Abstract: By careful use of the Fefferman-Graham ambient construction, we construct conformally invariant operators from k-forms to k-form densities in even dimensions (for k less than n/2), that admit factorizations of the form L=δ Qd. Here Q is a differential operator of order n-2k-2 which is given by a universal formula in a pseudo-Riemannian metric, but which is not conformally invariant. Nevertheless, the operator Q has special conformal properties. For example, the conformal deformation of the k-form Q on closed forms may be written in terms of δ, d, and the (k+1)-form Q, establishing a kind of interlocking of the operators at various form orders. The operators L are not elliptic, but admit gauge companion operators G with the property that the pair (L,G) is injectively elliptic. One special case of this was known previously, namely the Maxwell operator L=δ d on (n/2-1)-forms, with the Eastwood-Singer gauge operator G=δ dδ+(lower order) as its gauge companion. In contrast to the situation for this low-order special case, one cannot reasonably pursue classical tensor formulas for the higher-order (L,G) directly; thus the need for the full force of the Fefferman-Graham construction.

In the compact Riemannian signature case, moving along the beginning of the de Rham complex with coboundaries d, then moving by the k-form operator L for some k, and continuing with coboundaries δ gives an elliptic complex which we call a detour complex. Each such complex admits a generalization of the Cheeger half-torsion; in fact, the Cheeger half-torsion is the Maxwell operator special case of this construction. These half-torsions admit Polyakov formulas, and the validity of the construction persists for arbitrary regular conformal Bernstein-Gelfand-Gelfand (BGG) diagrams, when they are elliptic complexes. The coupling constants for the functional determinants of Laplacians at various points of the BGG diagram depend on the weights of the modules involved.

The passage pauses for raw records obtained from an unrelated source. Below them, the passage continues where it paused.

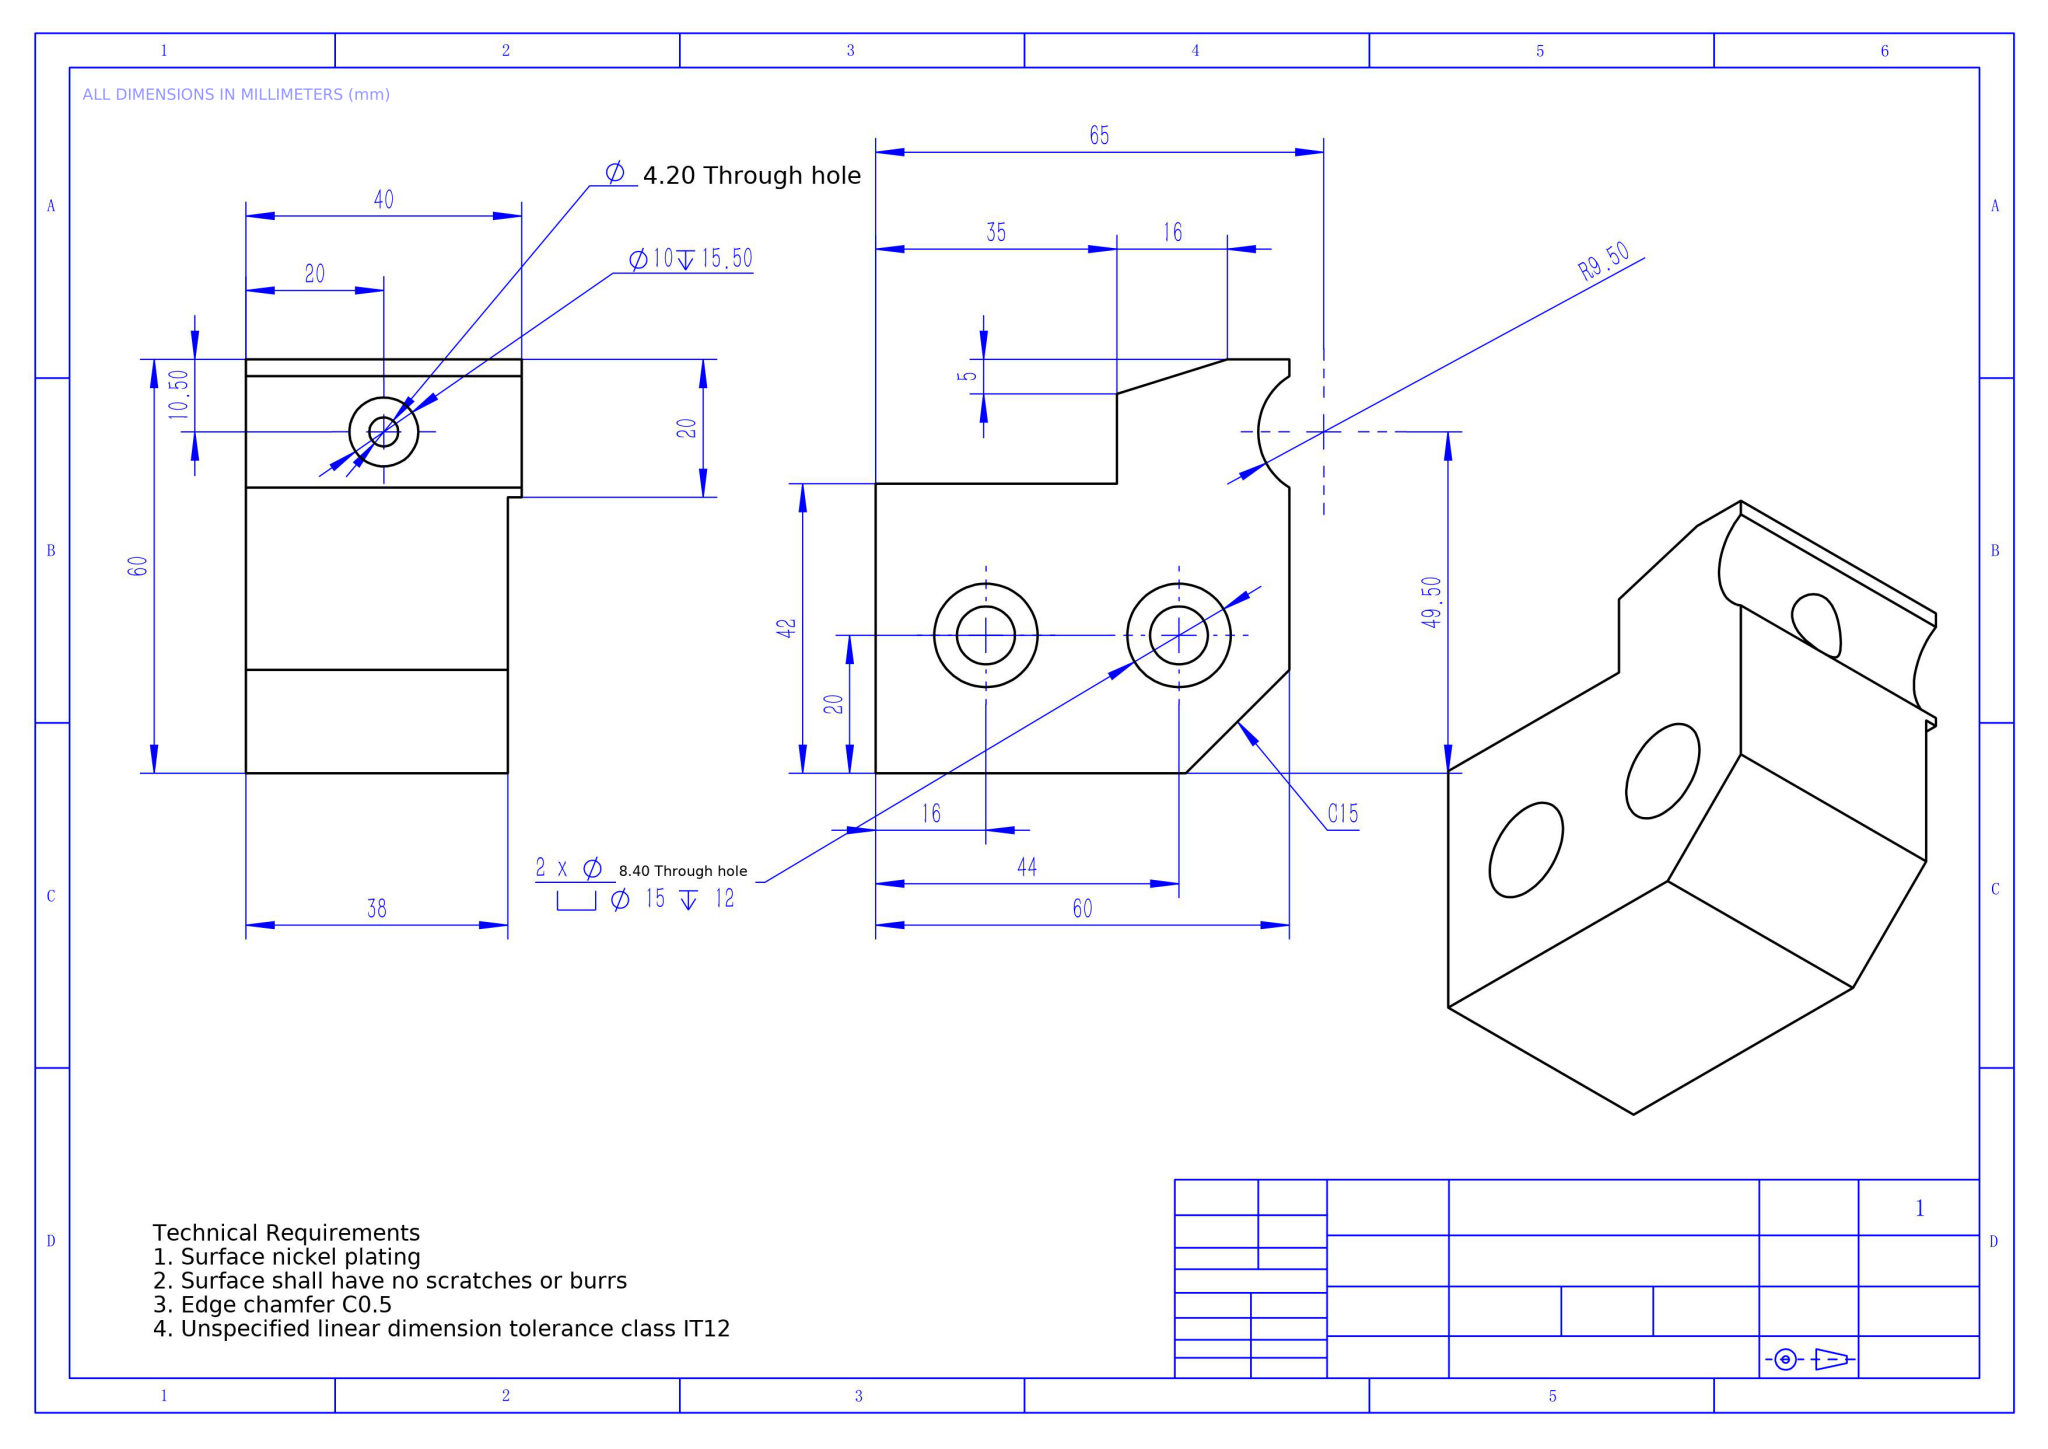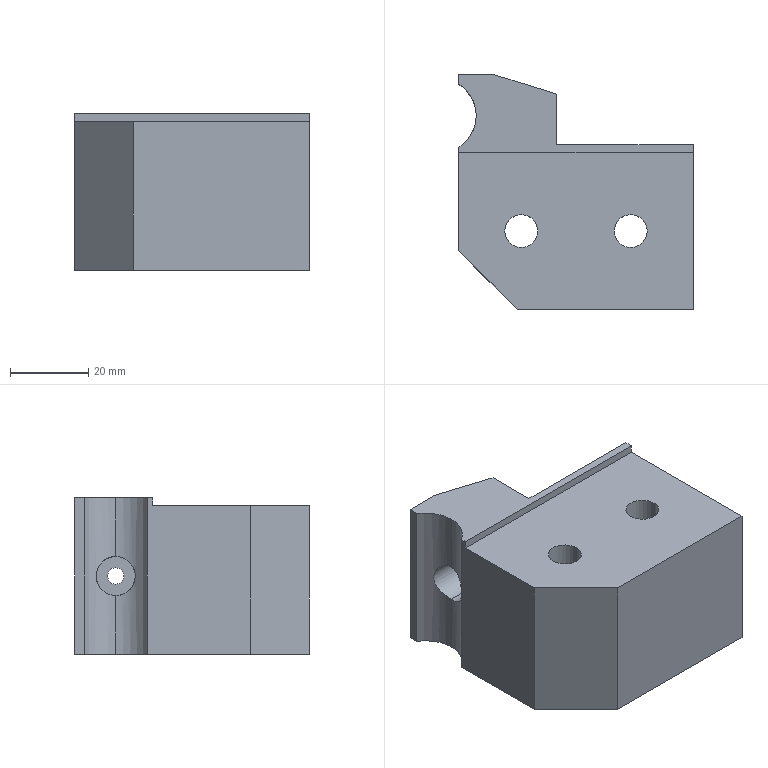Part | NX | mm | 1 solid | 30 faces | box 60 x 60 x 40 mm | volume 97635 mm3 | plane 16 | cylinder 14 | commonest cylinder face diameters 15 x4 8.4 x4 10 x2 19 x2 4.2 x2
STEP:
#1=COLOUR_RGB('',0.698,0.698,0.698);
#2=FILL_AREA_STYLE_COLOUR('',#1);
#3=FILL_AREA_STYLE('',(#2));
#4=SURFACE_STYLE_FILL_AREA(#3);
#5=SURFACE_SIDE_STYLE('',(#4));
#6=SURFACE_STYLE_USAGE(.BOTH.,#5);
#7=PRESENTATION_STYLE_ASSIGNMENT((#6));
#8=CARTESIAN_POINT('',(20.,49.5,15.));
#9=VERTEX_POINT('',#8);
#10=CARTESIAN_POINT('',(20.,49.5,25.));
#11=VERTEX_POINT('',#10);
#12=CARTESIAN_POINT('',(20.,49.5,20.));
#13=DIRECTION('',(-1.,0.,0.));
#14=DIRECTION('',(0.,0.,1.));
#15=AXIS2_PLACEMENT_3D('',#12,#13,#14);
#16=CIRCLE('',#15,5.);
#17=EDGE_CURVE('',#9,#11,#16,.T.);
#18=ORIENTED_EDGE('',*,*,#17,.F.);
#19=CARTESIAN_POINT('',(4.5,49.5,15.));
#20=VERTEX_POINT('',#19);
#21=CARTESIAN_POINT('',(20.,49.5,15.));
#22=DIRECTION('',(-1.,0.,0.));
#23=VECTOR('',#22,1000.);
#24=LINE('',#21,#23);
#25=EDGE_CURVE('',#9,#20,#24,.T.);
#26=ORIENTED_EDGE('',*,*,#25,.T.);
#27=CARTESIAN_POINT('',(4.5,49.5,25.));
#28=VERTEX_POINT('',#27);
#29=CARTESIAN_POINT('',(4.5,49.5,25.));
#30=CARTESIAN_POINT('',(4.5,49.163,25.));
#31=CARTESIAN_POINT('',(4.482,48.832,24.966));
#32=CARTESIAN_POINT('',(4.414,48.184,24.835));
#33=CARTESIAN_POINT('',(4.363,47.863,24.736));
#34=CARTESIAN_POINT('',(4.237,47.259,24.482));
#35=CARTESIAN_POINT('',(4.162,46.974,24.327));
#36=CARTESIAN_POINT('',(3.996,46.435,23.964));
#37=CARTESIAN_POINT('',(3.906,46.186,23.757));
#38=CARTESIAN_POINT('',(3.725,45.734,23.304));
#39=CARTESIAN_POINT('',(3.632,45.528,23.054));
#40=CARTESIAN_POINT('',(3.457,45.168,22.518));
#41=CARTESIAN_POINT('',(3.376,45.015,22.234));
#42=CARTESIAN_POINT('',(3.237,44.764,21.636));
#43=CARTESIAN_POINT('',(3.178,44.665,21.316));
#44=CARTESIAN_POINT('',(3.099,44.534,20.668));
#45=CARTESIAN_POINT('',(3.078,44.5,20.339));
#46=CARTESIAN_POINT('',(3.078,44.5,19.839));
#47=CARTESIAN_POINT('',(3.083,44.508,19.67));
#48=CARTESIAN_POINT('',(3.103,44.541,19.337));
#49=CARTESIAN_POINT('',(3.118,44.566,19.172));
#50=CARTESIAN_POINT('',(3.158,44.632,18.848));
#51=CARTESIAN_POINT('',(3.182,44.672,18.689));
#52=CARTESIAN_POINT('',(3.238,44.769,18.373));
#53=CARTESIAN_POINT('',(3.271,44.826,18.217));
#54=CARTESIAN_POINT('',(3.376,45.016,17.764));
#55=CARTESIAN_POINT('',(3.458,45.17,17.479));
#56=CARTESIAN_POINT('',(3.633,45.53,16.943));
#57=CARTESIAN_POINT('',(3.726,45.737,16.692));
#58=CARTESIAN_POINT('',(3.908,46.19,16.239));
#59=CARTESIAN_POINT('',(3.997,46.438,16.034));
#60=CARTESIAN_POINT('',(4.164,46.979,15.67));
#61=CARTESIAN_POINT('',(4.238,47.264,15.516));
#62=CARTESIAN_POINT('',(4.332,47.714,15.327));
#63=CARTESIAN_POINT('',(4.36,47.868,15.271));
#64=CARTESIAN_POINT('',(4.41,48.184,15.173));
#65=CARTESIAN_POINT('',(4.431,48.347,15.132));
#66=CARTESIAN_POINT('',(4.483,48.837,15.033));
#67=CARTESIAN_POINT('',(4.5,49.167,15.));
#68=CARTESIAN_POINT('',(4.5,49.5,15.));
#69=B_SPLINE_CURVE_WITH_KNOTS('',3,(#29,#30,#31,#32,#33,#34,#35,#36,#37,#38,#39,#40,#41,#42,#43,#44,#45,#46,#47,#48,#49,#50,#51,#52,#53,#54,#55,#56,#57,#58,#59,#60,#61,#62,#63,#64,#65,#66,#67,#68),.UNSPECIFIED.,.F.,.F.,(4,2,2,2,2,2,2,2,2,2,2,2,2,2,2,2,2,2,2,4),(0.,0.0009961,0.001992,0.002988,0.003985,0.004981,0.005977,0.006973,0.007969,0.008467,0.008965,0.009463,0.009961,0.01096,0.01195,0.01295,0.01395,0.01444,0.01494,0.01594),.UNSPECIFIED.);
#70=EDGE_CURVE('',#28,#20,#69,.T.);
#71=ORIENTED_EDGE('',*,*,#70,.F.);
#72=CARTESIAN_POINT('',(20.,49.5,25.));
#73=DIRECTION('',(-1.,0.,0.));
#74=VECTOR('',#73,1000.);
#75=LINE('',#72,#74);
#76=EDGE_CURVE('',#11,#28,#75,.T.);
#77=ORIENTED_EDGE('',*,*,#76,.F.);
#78=EDGE_LOOP('',(#18,#26,#71,#77));
#79=FACE_OUTER_BOUND('',#78,.T.);
#80=CARTESIAN_POINT('',(20.,49.5,20.));
#81=DIRECTION('',(-1.,0.,0.));
#82=DIRECTION('',(0.,0.,1.));
#83=AXIS2_PLACEMENT_3D('',#80,#81,#82);
#84=CYLINDRICAL_SURFACE('',#83,5.);
#85=ADVANCED_FACE('',(#79),#84,.F.);
#86=CARTESIAN_POINT('',(51.5,20.,12.));
#87=VERTEX_POINT('',#86);
#88=CARTESIAN_POINT('',(36.5,20.,12.));
#89=VERTEX_POINT('',#88);
#90=CARTESIAN_POINT('',(44.,20.,12.));
#91=DIRECTION('',(0.,0.,-1.));
#92=DIRECTION('',(-1.,0.,0.));
#93=AXIS2_PLACEMENT_3D('',#90,#91,#92);
#94=CIRCLE('',#93,7.5);
#95=EDGE_CURVE('',#87,#89,#94,.T.);
#96=ORIENTED_EDGE('',*,*,#95,.F.);
#97=CARTESIAN_POINT('',(51.5,20.,0.));
#98=VERTEX_POINT('',#97);
#99=CARTESIAN_POINT('',(51.5,20.,0.));
#100=DIRECTION('',(0.,0.,-1.));
#101=VECTOR('',#100,1000.);
#102=LINE('',#99,#101);
#103=EDGE_CURVE('',#87,#98,#102,.T.);
#104=ORIENTED_EDGE('',*,*,#103,.T.);
#105=CARTESIAN_POINT('',(36.5,20.,0.));
#106=VERTEX_POINT('',#105);
#107=CARTESIAN_POINT('',(44.,20.,0.));
#108=DIRECTION('',(0.,0.,-1.));
#109=DIRECTION('',(-1.,0.,0.));
#110=AXIS2_PLACEMENT_3D('',#107,#108,#109);
#111=CIRCLE('',#110,7.5);
#112=EDGE_CURVE('',#98,#106,#111,.T.);
#113=ORIENTED_EDGE('',*,*,#112,.T.);
#114=CARTESIAN_POINT('',(36.5,20.,0.));
#115=DIRECTION('',(0.,0.,-1.));
#116=VECTOR('',#115,1000.);
#117=LINE('',#114,#116);
#118=EDGE_CURVE('',#89,#106,#117,.T.);
#119=ORIENTED_EDGE('',*,*,#118,.F.);
#120=EDGE_LOOP('',(#96,#104,#113,#119));
#121=FACE_OUTER_BOUND('',#120,.T.);
#122=CARTESIAN_POINT('',(44.,20.,0.));
#123=DIRECTION('',(0.,0.,-1.));
#124=DIRECTION('',(-1.,0.,0.));
#125=AXIS2_PLACEMENT_3D('',#122,#123,#124);
#126=CYLINDRICAL_SURFACE('',#125,7.5);
#127=ADVANCED_FACE('',(#121),#126,.F.);
#128=CARTESIAN_POINT('',(39.8,20.,38.));
#129=VERTEX_POINT('',#128);
#130=CARTESIAN_POINT('',(48.2,20.,38.));
#131=VERTEX_POINT('',#130);
#132=CARTESIAN_POINT('',(44.,20.,38.));
#133=DIRECTION('',(0.,0.,1.));
#134=DIRECTION('',(1.,0.,0.));
#135=AXIS2_PLACEMENT_3D('',#132,#133,#134);
#136=CIRCLE('',#135,4.2);
#137=EDGE_CURVE('',#129,#131,#136,.T.);
#138=ORIENTED_EDGE('',*,*,#137,.T.);
#139=CARTESIAN_POINT('',(48.2,20.,12.));
#140=VERTEX_POINT('',#139);
#141=CARTESIAN_POINT('',(48.2,20.,0.));
#142=DIRECTION('',(0.,0.,-1.));
#143=VECTOR('',#142,1000.);
#144=LINE('',#141,#143);
#145=EDGE_CURVE('',#131,#140,#144,.T.);
#146=ORIENTED_EDGE('',*,*,#145,.T.);
#147=CARTESIAN_POINT('',(39.8,20.,12.));
#148=VERTEX_POINT('',#147);
#149=CARTESIAN_POINT('',(44.,20.,12.));
#150=DIRECTION('',(0.,0.,-1.));
#151=DIRECTION('',(-1.,0.,0.));
#152=AXIS2_PLACEMENT_3D('',#149,#150,#151);
#153=CIRCLE('',#152,4.2);
#154=EDGE_CURVE('',#140,#148,#153,.T.);
#155=ORIENTED_EDGE('',*,*,#154,.T.);
#156=CARTESIAN_POINT('',(39.8,20.,0.));
#157=DIRECTION('',(0.,0.,-1.));
#158=VECTOR('',#157,1000.);
#159=LINE('',#156,#158);
#160=EDGE_CURVE('',#129,#148,#159,.T.);
#161=ORIENTED_EDGE('',*,*,#160,.F.);
#162=EDGE_LOOP('',(#138,#146,#155,#161));
#163=FACE_OUTER_BOUND('',#162,.T.);
#164=CARTESIAN_POINT('',(44.,20.,0.));
#165=DIRECTION('',(0.,0.,-1.));
#166=DIRECTION('',(-1.,0.,0.));
#167=AXIS2_PLACEMENT_3D('',#164,#165,#166);
#168=CYLINDRICAL_SURFACE('',#167,4.2);
#169=ADVANCED_FACE('',(#163),#168,.F.);
#170=CARTESIAN_POINT('',(23.5,20.,12.));
#171=VERTEX_POINT('',#170);
#172=CARTESIAN_POINT('',(8.5,20.,12.));
#173=VERTEX_POINT('',#172);
#174=CARTESIAN_POINT('',(16.,20.,12.));
#175=DIRECTION('',(0.,0.,-1.));
#176=DIRECTION('',(-1.,0.,0.));
#177=AXIS2_PLACEMENT_3D('',#174,#175,#176);
#178=CIRCLE('',#177,7.5);
#179=EDGE_CURVE('',#171,#173,#178,.T.);
#180=ORIENTED_EDGE('',*,*,#179,.F.);
#181=CARTESIAN_POINT('',(23.5,20.,0.));
#182=VERTEX_POINT('',#181);
#183=CARTESIAN_POINT('',(23.5,20.,0.));
#184=DIRECTION('',(0.,0.,-1.));
#185=VECTOR('',#184,1000.);
#186=LINE('',#183,#185);
#187=EDGE_CURVE('',#171,#182,#186,.T.);
#188=ORIENTED_EDGE('',*,*,#187,.T.);
#189=CARTESIAN_POINT('',(8.5,20.,0.));
#190=VERTEX_POINT('',#189);
#191=CARTESIAN_POINT('',(16.,20.,0.));
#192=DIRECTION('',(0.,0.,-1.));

The detour complexes also provide generalizations of the Q-curvature, in the form of compressions of the operators Q (from the formulas L=δ Qd above) acting between natural subquotients of form and form-density section spaces -- the cohomologies of the detour complexes, and related harmonic spaces. It is these compressions (rather than the full operator Q from the formula L=δ Qd) that are conformally invariant. This generalizes the invariance of the original (scalar density) Q-curvature modulo the range of the critical Graham-Jenne-Mason-Sparling operator.